I love those push-button switches. If somebody made a modern version of that, I'd definitely put those in with polished brass plates.

-John


----------



## farlsincharge (Dec 31, 2010)

Big John said:


> I love those push-button switches. If somebody made a modern version of that, I'd definitely put those in with polished brass plates.
> 
> -John


They do. I am renovating a train station right now and the owner has ordered their own modern push button switches. If I remember I will grab the brand name next time I am down there.


----------



## cesarat (Feb 10, 2012)

Hello, is there any body who have the standard of NFPA 72-2010, stating that the color red for fire alarm system enclosures and other peripheral.. can you share to me an excerpt copy of this part.

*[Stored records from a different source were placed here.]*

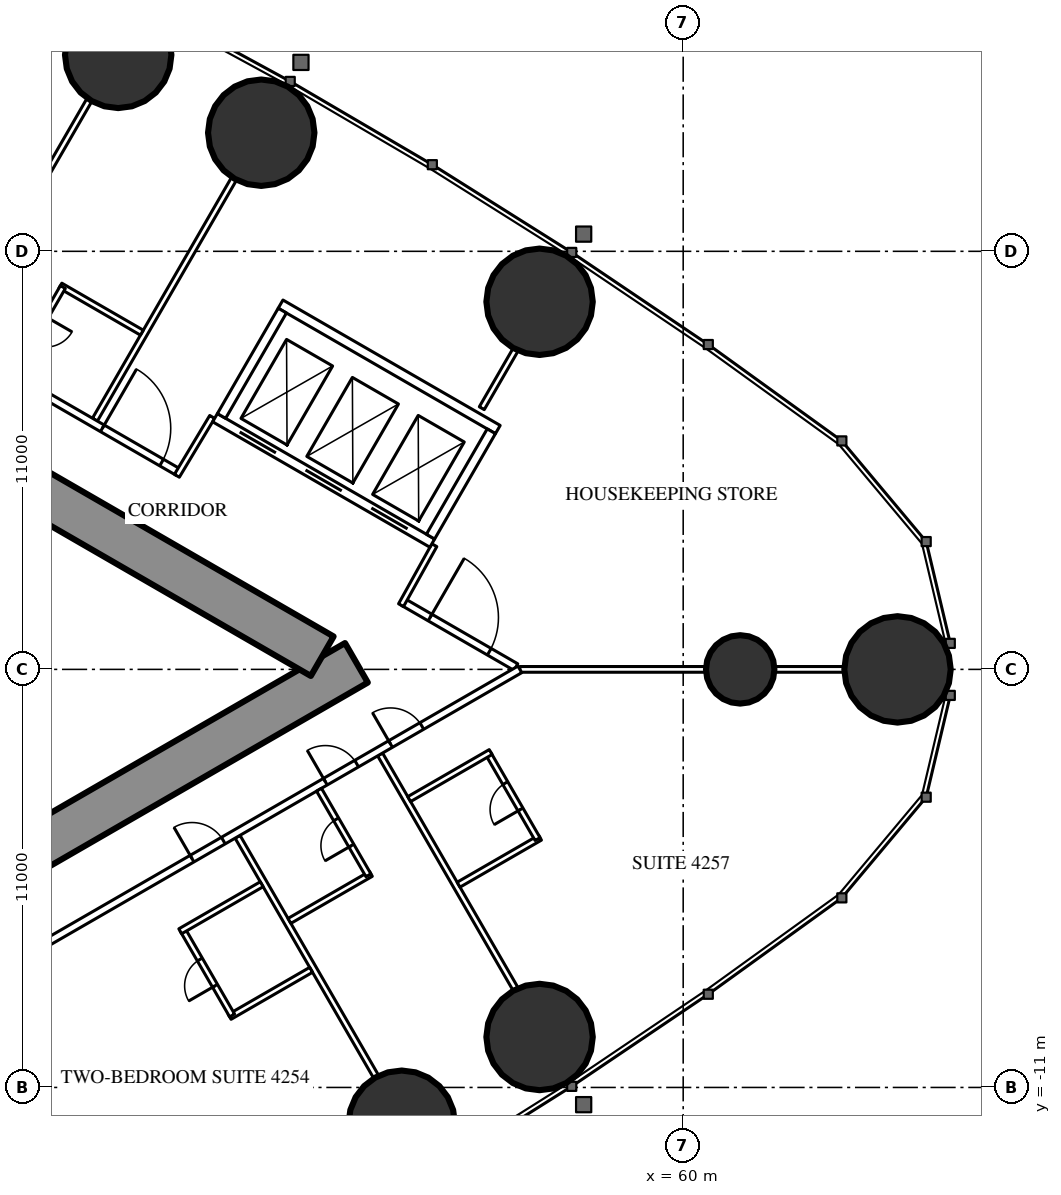
"""IFC4 building model, lengths in metres.
Left out: names, types, materials, properties, quantities, classifications, styles, units other than length and angle.
Written with IfcOpenShell. Run it as: python <this file> out.ifc"""

import sys

from ifc_helpers import new_model, si_unit, direction, frame, frame_2d, origin, origin_2d, place, context, subcontext, project, spatial, rectangle, circle, extrude, element, fill, save


model = new_model("IFC4")
c1 = context("Model", 3, precision=1e-05, world=origin(), true_north=direction((0.0, 1.0)))
c2 = subcontext(c1, "Body", "Model", "MODEL_VIEW")
j1 = project(units=[si_unit("LENGTHUNIT", "METRE"), si_unit("PLANEANGLEUNIT", "RADIAN")], contexts=[c1])
p1 = place(None, origin())
s1 = spatial("IfcSite", under=j1, at=p1, CompositionType="ELEMENT")
p2 = place(p1, origin())
s2 = spatial("IfcBuilding", under=s1, at=p2, CompositionType="ELEMENT")
p3 = place(p2, frame((0.0, 0.0, 159.8)))
s3 = spatial("IfcBuildingStorey", under=s2, at=p3, CompositionType="ELEMENT", Elevation=159.8)
for number, where, z_axis, x_axis in (
    (1, (65.64, 0.0, 0.0), (0.0, 0.0, 1.0), (1.0, 0.0, 0.0)),
    (2, (56.221, 9.672, 0.0), (0.0, 0.0, 1.0), (1.0, 0.0, 0.0)),
    (3, (48.897, 14.121, 0.0), (0.0, 0.0, 1.0), (1.0, 0.0, 0.0)),
    (4, (45.134, 16.168, 0.0), (0.0, 0.0, 1.0), (1.0, 0.0, 0.0)),
    (5, (52.594, -11.955, 0.0), (0.0, 0.0, 1.0), (1.0, 0.0, 0.0)),
    (6, (56.221, -9.672, 0.0), (0.0, 0.0, 1.0), (1.0, 0.0, 0.0)),
):
    element("IfcColumn", number, at=place(p3, frame(where, z_axis=z_axis, x_axis=x_axis)), inside=s3, PredefinedType="COLUMN", context=c2, shape_type="SweptSolid", body=[
        extrude(circle(Radius=1.4, at=origin_2d()), origin(), (0.0, 0.0, 1.0), 3.5),
    ])
p4 = place(p3, frame((61.5, 0.0, 0.0), z_axis=(0.0, 0.0, 1.0), x_axis=(1.0, 0.0, 0.0)))
e7 = element("IfcColumn", 7, at=p4, inside=s3, PredefinedType="COLUMN", context=c2, shape_type="SweptSolid", body=[
    extrude(circle(Radius=0.9, at=origin_2d()), origin(), (0.0, 0.0, 1.0), 3.5),
])
p5 = place(p3, frame((27.2, -13.8, 0.0), z_axis=(0.0, 0.0, 1.0), x_axis=(0.866027159892, 0.499996958321, 0.0)))
e8 = element("IfcWall", 8, at=p5, inside=s3, PredefinedType="SHEAR", context=c2, shape_type="SweptSolid", body=[
    extrude(rectangle(XDim=27.947, YDim=1.2, at=frame_2d((13.973, 0.0))), origin(), (0.0, 0.0, 1.0), 3.5),
])
p6 = place(p5, frame((4.6, 0.0, 0.0)))
e9 = element("IfcOpeningElement", 9, at=p6, cuts=e8, PredefinedType="OPENING", context=c2, shape_type="SweptSolid", body=[
    extrude(rectangle(XDim=1.0, YDim=2.2, at=frame_2d((0.5, 1.1))), frame((0.0, 0.61, 0.0), z_axis=(0.0, -1.0, 0.0), x_axis=(1.0, 0.0, 0.0)), (0.0, 0.0, 1.0), 1.22),
])
p7 = place(p5, frame((13.395, 0.0, 0.0)))
e10 = element("IfcOpeningElement", 10, at=p7, cuts=e8, PredefinedType="OPENING", context=c2, shape_type="SweptSolid", body=[
    extrude(rectangle(XDim=1.8, YDim=2.2, at=frame_2d((0.9, 1.1))), frame((0.0, 0.61, 0.0), z_axis=(0.0, -1.0, 0.0), x_axis=(1.0, 0.0, 0.0)), (0.0, 0.0, 1.0), 1.22),
])
p8 = place(p3, frame((27.2, 13.8, 0.0), z_axis=(0.0, 0.0, 1.0), x_axis=(0.866024515034, -0.500001539357, 0.0)))
e11 = element("IfcWall", 11, at=p8, inside=s3, PredefinedType="SHEAR", context=c2, shape_type="SweptSolid", body=[
    extrude(rectangle(XDim=26.907, YDim=1.2, at=frame_2d((13.454, 0.0))), origin(), (0.0, 0.0, 1.0), 3.5),
])
p9 = place(p8, frame((4.6, 0.0, 0.0)))
e12 = element("IfcOpeningElement", 12, at=p9, cuts=e11, PredefinedType="OPENING", context=c2, shape_type="SweptSolid", body=[
    extrude(rectangle(XDim=1.0, YDim=2.2, at=frame_2d((0.5, 1.1))), frame((0.0, 0.61, 0.0), z_axis=(0.0, -1.0, 0.0), x_axis=(1.0, 0.0, 0.0)), (0.0, 0.0, 1.0), 1.22),
])
p10 = place(p8, frame((13.395, 0.0, 0.0)))
e13 = element("IfcOpeningElement", 13, at=p10, cuts=e11, PredefinedType="OPENING", context=c2, shape_type="SweptSolid", body=[
    extrude(rectangle(XDim=1.8, YDim=2.2, at=frame_2d((0.9, 1.1))), frame((0.0, 0.61, 0.0), z_axis=(0.0, -1.0, 0.0), x_axis=(1.0, 0.0, 0.0)), (0.0, 0.0, 1.0), 1.22),
])
p11 = place(p3, frame((40.769, -8.737, 0.0), z_axis=(0.0, 0.0, 1.0), x_axis=(0.500013115284, -0.866017831539, 0.0)))
e14 = element("IfcWall", 14, at=p11, inside=s3, PredefinedType="PARTITIONING", context=c2, shape_type="SweptSolid", body=[
    extrude(rectangle(XDim=7.198, YDim=0.15, at=frame_2d((3.599, 0.0))), origin(), (0.0, 0.0, 1.0), 2.3),
])
p12 = place(p3, frame((48.275, -4.404, 0.0), z_axis=(0.0, 0.0, 1.0), x_axis=(0.500006004368, -0.866021937133, 0.0)))
e15 = element("IfcWall", 15, at=p12, inside=s3, PredefinedType="PARTITIONING", context=c2, shape_type="SweptSolid", body=[
    extrude(rectangle(XDim=7.279, YDim=0.15, at=frame_2d((3.64, 0.0))), origin(), (0.0, 0.0, 1.0), 2.3),
])
p13 = place(p3, frame((52.025, -2.238, 0.0), z_axis=(0.0, 0.0, 1.0), x_axis=(0.499983785035, -0.866034765296, 0.0)))
e16 = element("IfcWall", 16, at=p13, inside=s3, PredefinedType="PARTITIONING", context=c2, shape_type="SweptSolid", body=[
    extrude(rectangle(XDim=7.116, YDim=0.15, at=frame_2d((3.558, 0.0))), origin(), (0.0, 0.0, 1.0), 2.3),
])
p14 = place(p3, frame((40.769, 8.737, 0.0), z_axis=(0.0, 0.0, 1.0), x_axis=(0.500013115284, 0.866017831539, 0.0)))
e17 = element("IfcWall", 17, at=p14, inside=s3, PredefinedType="PARTITIONING", context=c2, shape_type="SweptSolid", body=[
    extrude(rectangle(XDim=7.198, YDim=0.15, at=frame_2d((3.599, 0.0))), origin(), (0.0, 0.0, 1.0), 2.3),
])
p15 = place(p3, frame((44.521, 6.571, 0.0), z_axis=(0.0, 0.0, 1.0), x_axis=(0.500020376429, 0.866013639128, 0.0)))
e18 = element("IfcWall", 18, at=p15, inside=s3, PredefinedType="PARTITIONING", context=c2, shape_type="SweptSolid", body=[
    extrude(rectangle(XDim=7.306, YDim=0.15, at=frame_2d((3.653, 0.0))), origin(), (0.0, 0.0, 1.0), 2.3),
])
p16 = place(p3, frame((55.702, 0.0, 0.0), z_axis=(0.0, 0.0, 1.0), x_axis=(1.0, 0.0, 0.0)))
e19 = element("IfcWall", 19, at=p16, inside=s3, PredefinedType="PARTITIONING", context=c2, shape_type="SweptSolid", body=[
    extrude(rectangle(XDim=8.518, YDim=0.15, at=frame_2d((4.259, 0.0))), origin(), (0.0, 0.0, 1.0), 2.3),
])
p17 = place(p3, frame((54.7, 6.872, 0.0), z_axis=(0.0, 0.0, 1.0), x_axis=(0.499989690894, 0.866031355668, 0.0)))
e20 = element("IfcWall", 20, at=p17, inside=s3, PredefinedType="PARTITIONING", context=c2, shape_type="SweptSolid", body=[
    extrude(rectangle(XDim=1.766, YDim=0.15, at=frame_2d((0.883, 0.0))), origin(), (0.0, 0.0, 1.0), 3.25),
])
p18 = place(p3, frame((36.834, 10.894, 0.0), z_axis=(0.0, 0.0, 1.0), x_axis=(0.866031655879, -0.499989170898, 0.0)))
e21 = element("IfcWall", 21, at=p18, inside=s3, PredefinedType="PARTITIONING", context=c2, shape_type="SweptSolid", body=[
    extrude(rectangle(XDim=11.41, YDim=0.2, at=frame_2d((5.705, 0.0))), origin(), (0.0, 0.0, 1.0), 3.25),
])
p19 = place(p18, frame((5.144, 0.0, 0.0)))
e22 = element("IfcOpeningElement", 22, at=p19, cuts=e21, PredefinedType="OPENING", context=c2, shape_type="SweptSolid", body=[
    extrude(rectangle(XDim=0.95, YDim=2.2, at=frame_2d((0.475, 1.1))), frame((0.0, 0.11, 0.0), z_axis=(0.0, -1.0, 0.0), x_axis=(1.0, 0.0, 0.0)), (0.0, 0.0, 1.0), 0.22),
])
p20 = place(p18, frame((3.161, 0.0, 0.0)))
e23 = element("IfcOpeningElement", 23, at=p20, cuts=e21, PredefinedType="OPENING", context=c2, shape_type="SweptSolid", body=[
    extrude(rectangle(XDim=0.95, YDim=2.2, at=frame_2d((0.475, 1.1))), frame((0.0, 0.11, 0.0), z_axis=(0.0, -1.0, 0.0), x_axis=(1.0, 0.0, 0.0)), (0.0, 0.0, 1.0), 0.22),
])
p21 = place(p18, frame((9.102, 0.0, 0.0)))
e24 = element("IfcOpeningElement", 24, at=p21, cuts=e21, PredefinedType="OPENING", context=c2, shape_type="SweptSolid", body=[
    extrude(rectangle(XDim=1.8, YDim=2.2, at=frame_2d((0.9, 1.1))), frame((0.0, 0.11, 0.0), z_axis=(0.0, -1.0, 0.0), x_axis=(1.0, 0.0, 0.0)), (0.0, 0.0, 1.0), 0.22),
])
p22 = place(p3, frame((52.639, 1.769, 0.0), z_axis=(0.0, 0.0, 1.0), x_axis=(0.866027340901, -0.4999966448, 0.0)))
e25 = element("IfcWall", 25, at=p22, inside=s3, PredefinedType="PARTITIONING", context=c2, shape_type="SweptSolid", body=[
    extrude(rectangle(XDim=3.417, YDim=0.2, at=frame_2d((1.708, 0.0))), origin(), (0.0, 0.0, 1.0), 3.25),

Thank you in advance.

cesar


----------



## fdew (Mar 26, 2009)

Big John said:


> I love those push-button switches. If somebody made a modern version of that, I'd definitely put those in with polished brass plates.
> 
> -John


Here you go
http://houseofantiquehardware.com/s.nl/sc.9/category.34/.f

Frank


----------



## Big John (May 23, 2010)

fdew said:


> Here you go...


 Awesome! Thanks.

-John


----------